Off in the distance she could see Andrew, the brother closest to her in age, striding across the fields. He’d stayed home from the threshing crew to keep the home chores done. Milking forty cows and hauling the milk to the cheese house took full-time male help, not that the girls couldn’t have handled it, but not along with school starting. Besides, his wife, Ellie, was very large with their first child, and Astrid knew her sister-in-law had some deep fears about having a baby. She waited for Andrew to join her before taking the wash inside.

‘‘How was school?’’ he asked, pushing his straw hat back on his head.

‘‘Sophie cut her hair in a fringe.’’

‘‘A what?’’ Andrew made a noise of disgust, matching the look on his face.

She motioned across her forehead. ‘‘Short here above her eyebrows.’’

‘‘Why would she do that?’’

‘‘You know Sophie. She wants the latest thing. Before you know it, she’ll be wanting a horseless carriage.’’ Astrid raised her eyebrows. ‘‘Anything to be different and in the fashion.’’

Andrew snorted and shook his head. ‘‘Leave it to Sophie.’’

‘‘You should see our reading list for this year.’’

‘‘Most likely the same as ever. I didn’t think I’d get through it all.’’ Andrew whistled for his dog, Barnabus, who came running from inspecting a gopher hole. ‘‘Go get the cows, Barney.’’ He waved toward the pasture, and the dog charged off.

‘‘I’ll be out pretty quick, soon as I gather the eggs and feed the chickens.
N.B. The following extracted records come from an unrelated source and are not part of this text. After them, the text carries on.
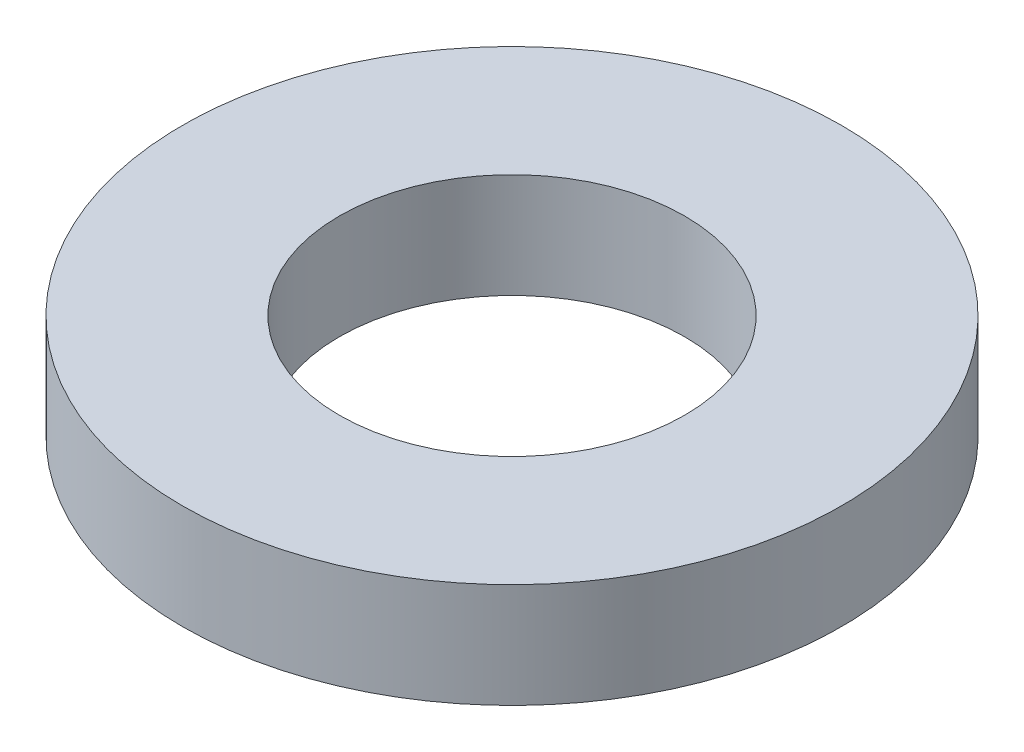
SolidWorks part; units mm, degrees
material "Plain Carbon Steel"
ref_plane "Front Plane" through (0, 0, 0) normal (0, 0, 1) x (1, 0, 0)
ref_plane "Top Plane" through (0, 0, 0) normal (0, 1, 0) x (1, 0, 0)
ref_plane "Right Plane" through (0, 0, 0) normal (1, 0, 0) x (0, 0, -1)
sketch "Washer Profile Ø63 x Ø33" plane through (0, 0, 0) normal (0, 1, 0) x (1, 0, 0)
  circle A0 centre (0, 0) radius 16.5
  circle A1 centre (0, 0) radius 31.5
  dimension "D1" = 33
  dimension "D2" = 63
extrude "Washer Body 10mm" add sketch "Washer Profile Ø63 x Ø33" along normal mid plane 10

How’s Ellie?’’

‘‘Looks like she swallowed two watermelons.’’ Andrew held his hands in a circle, way out in front of him.

‘‘I know that. I meant any changes?’’

‘‘Nope, but she sees Dr. Elizabeth tomorrow.’’ Andrew headed for the barn, and Astrid took the wash inside.

‘‘Mange takk,’’ her mother called. ‘‘There’s a bucket of scraps on the back porch for the chickens.’’

‘‘I’ll get it. Do we need to take eggs to Garrisons’?’’

‘‘Andrew can take them in tomorrow along with the cheese. I have a big shipment going out.’’ Ingeborg’s cheese house had grown through the years and now shipped wheels of cheese to many of the major cities of the United States. The Norwegians, especially, enjoyed being able to get their favorite cheeses made here just like in their homeland.

Ingeborg threatened Haakan often that they should invest in goats so she could make gjetost, but her teasing only got teasing back. They fattened many hogs for the market on the whey and had expanded the cheese house itself twice. Garrisons’ Groceries, the new store in town, bought eggs, cheese, and smoked hams from the Bjorklunds. Penny had turned her mercantile into a dry goods store and no longer carried the foods needed in the community.

‘‘We’ve got a hen that’s eating eggs,’’ Astrid announced when she
brought the eggs to the well house, where her mother was cleaning eggs and packing them into crates to ship. ‘‘Thanks to her, some of
these are pretty dirty.’’

‘‘If we can find who it is, she’ll go in the stewpot.’’ Using a damp
cloth Ingeborg wiped a spot of manure off an egg and set it tip down
in the slatted wood crate that held twelve layers of twenty-four eggs.
‘‘We need more straw in the nest boxes.’’ The chickens too ate the whey
from the cheese house, and as soon as the garden was finished for the
season, they would be loosed into the fenced plot to clean up the garden
residue.

While some people burned back the tip of their hens’ upper beaks to prevent them from cracking eggs or pecking at each other, Astrid refused to do that to hers, choosing instead to keep an eye on them and discover the culprits. The chickens were her responsibility, and she and her mother split the money from the eggs, which gave Astrid some school money. She was still intent on going to Chicago to train as a nurse with Dr. Morganstein, the same doctor her sister-in-law, Elizabeth, had trained with for her physician’s license. Astrid had spent much of the summer helping at Dr. Elizabeth’s surgery.